Relative variation in the elastic energy with respect to the uniform case, as obtained using the semianalytical iterative procedure based on Eq. (10) for the very same system analyzed in Fig. 3. The dashed horizontal line corresponds to the convergent value obtained using standard MC-FEM.

Figure 5

Relative relaxation with respect to the uniform case produced by nonuniform intermixing minimizing the elastic energy for {105} pyramids (triangles), domes (full boxes), and barn-shaped islands (full circles). In panel a, results were obtained by considering $\overline{c}$-dependent elastic constants, while in panel b, pure-Ge ones were used.

Figure 6

(Color online) Distribution of Ge minimizing the elastic energy within a {105} pyramid with average Ge content $\overline{c}=0.3$ (left and right panel at the top), $\overline{c}=0.6$ (central), and $\overline{c}=0.9$ (bottom).
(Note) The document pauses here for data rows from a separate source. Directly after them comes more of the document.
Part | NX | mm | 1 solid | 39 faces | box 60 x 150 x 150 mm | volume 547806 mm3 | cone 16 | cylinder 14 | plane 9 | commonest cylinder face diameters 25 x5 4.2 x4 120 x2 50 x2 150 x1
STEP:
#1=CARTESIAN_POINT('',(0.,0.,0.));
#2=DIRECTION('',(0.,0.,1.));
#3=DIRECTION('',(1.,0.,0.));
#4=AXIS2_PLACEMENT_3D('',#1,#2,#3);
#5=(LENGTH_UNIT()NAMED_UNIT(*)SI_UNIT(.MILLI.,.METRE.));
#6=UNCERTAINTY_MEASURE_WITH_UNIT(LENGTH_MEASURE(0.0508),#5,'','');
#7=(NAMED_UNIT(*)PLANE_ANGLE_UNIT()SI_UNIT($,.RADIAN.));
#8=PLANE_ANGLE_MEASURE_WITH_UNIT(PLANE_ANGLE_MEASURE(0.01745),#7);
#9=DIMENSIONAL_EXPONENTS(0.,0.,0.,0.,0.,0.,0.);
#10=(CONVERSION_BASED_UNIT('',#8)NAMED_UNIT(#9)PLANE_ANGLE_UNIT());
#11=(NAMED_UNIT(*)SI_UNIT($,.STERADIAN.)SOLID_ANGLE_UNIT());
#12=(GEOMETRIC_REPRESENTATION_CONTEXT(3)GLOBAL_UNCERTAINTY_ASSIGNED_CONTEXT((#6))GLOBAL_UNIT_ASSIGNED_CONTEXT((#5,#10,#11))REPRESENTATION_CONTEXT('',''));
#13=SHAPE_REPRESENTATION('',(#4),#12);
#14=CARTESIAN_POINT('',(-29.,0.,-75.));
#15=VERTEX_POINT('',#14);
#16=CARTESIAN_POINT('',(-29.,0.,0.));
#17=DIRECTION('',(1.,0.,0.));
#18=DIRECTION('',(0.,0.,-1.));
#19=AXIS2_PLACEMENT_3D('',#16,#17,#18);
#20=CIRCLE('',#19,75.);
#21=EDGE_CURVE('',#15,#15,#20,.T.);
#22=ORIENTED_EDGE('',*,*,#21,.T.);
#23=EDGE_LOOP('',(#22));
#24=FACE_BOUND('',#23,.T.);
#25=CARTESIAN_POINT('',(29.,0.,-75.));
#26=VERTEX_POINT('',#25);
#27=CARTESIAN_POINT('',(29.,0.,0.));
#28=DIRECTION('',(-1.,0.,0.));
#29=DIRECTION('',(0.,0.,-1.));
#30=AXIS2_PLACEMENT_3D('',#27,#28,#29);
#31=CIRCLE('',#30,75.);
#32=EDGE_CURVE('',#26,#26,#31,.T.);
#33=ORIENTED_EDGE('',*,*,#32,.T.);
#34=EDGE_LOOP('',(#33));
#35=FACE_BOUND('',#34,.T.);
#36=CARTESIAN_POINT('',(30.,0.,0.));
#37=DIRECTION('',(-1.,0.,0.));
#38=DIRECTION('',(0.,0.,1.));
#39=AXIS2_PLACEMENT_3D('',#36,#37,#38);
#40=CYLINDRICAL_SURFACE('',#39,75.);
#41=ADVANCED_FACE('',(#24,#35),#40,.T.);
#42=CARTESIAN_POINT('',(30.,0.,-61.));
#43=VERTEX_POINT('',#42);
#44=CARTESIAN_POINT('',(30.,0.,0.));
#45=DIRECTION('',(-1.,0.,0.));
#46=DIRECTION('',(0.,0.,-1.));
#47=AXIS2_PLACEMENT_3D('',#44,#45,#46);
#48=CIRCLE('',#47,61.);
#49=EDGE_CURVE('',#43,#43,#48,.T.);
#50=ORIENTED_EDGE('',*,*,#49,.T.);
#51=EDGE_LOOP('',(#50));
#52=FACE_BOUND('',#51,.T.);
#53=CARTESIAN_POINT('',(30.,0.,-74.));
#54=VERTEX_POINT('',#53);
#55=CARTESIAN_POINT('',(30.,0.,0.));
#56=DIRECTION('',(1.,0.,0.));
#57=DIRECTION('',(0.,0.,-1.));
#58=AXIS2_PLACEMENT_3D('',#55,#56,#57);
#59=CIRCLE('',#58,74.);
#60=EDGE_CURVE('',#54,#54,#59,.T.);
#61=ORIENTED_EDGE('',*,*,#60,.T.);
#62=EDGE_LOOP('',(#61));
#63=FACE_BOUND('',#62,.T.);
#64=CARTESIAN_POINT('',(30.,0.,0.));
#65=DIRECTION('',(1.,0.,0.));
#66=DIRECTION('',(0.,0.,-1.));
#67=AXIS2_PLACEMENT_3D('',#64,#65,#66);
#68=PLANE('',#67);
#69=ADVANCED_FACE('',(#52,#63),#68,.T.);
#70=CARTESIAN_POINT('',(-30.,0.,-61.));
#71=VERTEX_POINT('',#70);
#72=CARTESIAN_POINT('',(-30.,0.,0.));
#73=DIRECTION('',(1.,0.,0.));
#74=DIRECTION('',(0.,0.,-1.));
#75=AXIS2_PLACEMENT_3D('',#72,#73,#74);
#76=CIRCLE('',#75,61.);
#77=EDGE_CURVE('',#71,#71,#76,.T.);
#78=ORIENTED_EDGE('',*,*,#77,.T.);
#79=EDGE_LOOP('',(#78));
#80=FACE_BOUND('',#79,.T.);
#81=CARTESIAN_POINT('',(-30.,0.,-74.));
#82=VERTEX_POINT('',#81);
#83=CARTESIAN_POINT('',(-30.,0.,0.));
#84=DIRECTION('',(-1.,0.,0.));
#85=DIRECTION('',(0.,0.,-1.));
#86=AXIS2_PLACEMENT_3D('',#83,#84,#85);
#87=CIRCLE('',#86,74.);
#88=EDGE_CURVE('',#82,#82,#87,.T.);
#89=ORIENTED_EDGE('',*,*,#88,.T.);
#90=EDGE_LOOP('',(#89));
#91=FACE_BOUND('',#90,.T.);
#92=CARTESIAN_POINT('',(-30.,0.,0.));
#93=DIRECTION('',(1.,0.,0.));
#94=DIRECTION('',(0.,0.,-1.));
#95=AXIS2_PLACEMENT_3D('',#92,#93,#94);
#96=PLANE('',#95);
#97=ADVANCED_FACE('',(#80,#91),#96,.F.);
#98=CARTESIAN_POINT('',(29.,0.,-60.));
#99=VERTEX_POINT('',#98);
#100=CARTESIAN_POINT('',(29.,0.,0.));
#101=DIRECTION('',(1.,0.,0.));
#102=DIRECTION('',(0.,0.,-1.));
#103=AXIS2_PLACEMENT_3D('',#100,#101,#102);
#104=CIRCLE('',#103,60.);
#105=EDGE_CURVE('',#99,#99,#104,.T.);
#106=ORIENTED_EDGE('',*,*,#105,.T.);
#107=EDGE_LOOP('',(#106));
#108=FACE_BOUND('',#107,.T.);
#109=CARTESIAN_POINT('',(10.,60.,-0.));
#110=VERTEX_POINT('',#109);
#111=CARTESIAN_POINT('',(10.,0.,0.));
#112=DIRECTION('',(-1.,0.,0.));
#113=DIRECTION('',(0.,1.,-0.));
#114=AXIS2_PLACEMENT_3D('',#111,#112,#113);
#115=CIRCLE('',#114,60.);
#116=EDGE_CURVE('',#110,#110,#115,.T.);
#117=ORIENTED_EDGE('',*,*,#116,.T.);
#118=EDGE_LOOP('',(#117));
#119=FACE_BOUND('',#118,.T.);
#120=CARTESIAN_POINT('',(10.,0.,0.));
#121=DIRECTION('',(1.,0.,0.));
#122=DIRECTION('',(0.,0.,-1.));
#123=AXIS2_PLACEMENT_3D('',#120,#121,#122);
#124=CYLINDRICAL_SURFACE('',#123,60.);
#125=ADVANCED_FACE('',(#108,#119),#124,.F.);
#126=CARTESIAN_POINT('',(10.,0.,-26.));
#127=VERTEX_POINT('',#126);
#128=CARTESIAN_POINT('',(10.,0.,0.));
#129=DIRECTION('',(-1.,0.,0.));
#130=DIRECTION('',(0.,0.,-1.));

Here and in the following three figures, a few concentration values are explicitly reported to make the plot clearer if printed in black and white.

Figure 7

(Color online) Distribution of Ge minimizing the elastic energy within a dome-shaped island with average Ge content $\overline{c}=0.3$ (left and right panel at the top), $\overline{c}=0.6$ (central), and $\overline{c}=0.9$ (bottom).

Figure 8

(Color online) Distribution of Ge minimizing the elastic energy within a barn-shaped island with average Ge content $\overline{c}=0.3$ (left and right panel at the top), $\overline{c}=0.6$ (central), and $\overline{c}=0.9$ (bottom).

Figure 9

(Color online) Distribution of Ge minimizing the elastic energy within a dome-shaped island, divided by the average concentration $\overline{c}$. Top left: $\overline{c}=0.1$. Top right: $\overline{c}=0.3$. Bottom left: $\overline{c}=0.6$. Bottom right: $\overline{c}=0.9$. Besides using a color scale, a few numerical values are reported.

Figure 10

(Color online) Left: elastic energy density $W$ in the full island $+$ Si-substrate system for a dome island with uniform Ge distribution $c\left(x,y,z\right)=0.3$. Right: $W$ for the same island, but with the Ge concentration minimizing the total elastic energy. In both cases, the island is artificially shown as slightly lifted from the substrate. We used this graphical artifact to make more evident that two different color scales (between 0 and $0.32\text{eV}/{\text{nm}}^3$ for the island, and between 0 and $0.1\text{eV}/{\text{nm}}^3$ for the substrate) are used to yield a clearer picture. The same scale, instead, is used to treat the uniform and the $c_{\text{min}}\left(x,y,z\right)$ case.

Figure 11

(Color online) Hydrostatic stress ${\sigma }_{xyz}$ for a dome-shaped island, after energy minimization. Four different average concentrations $\overline{c}$ are considered.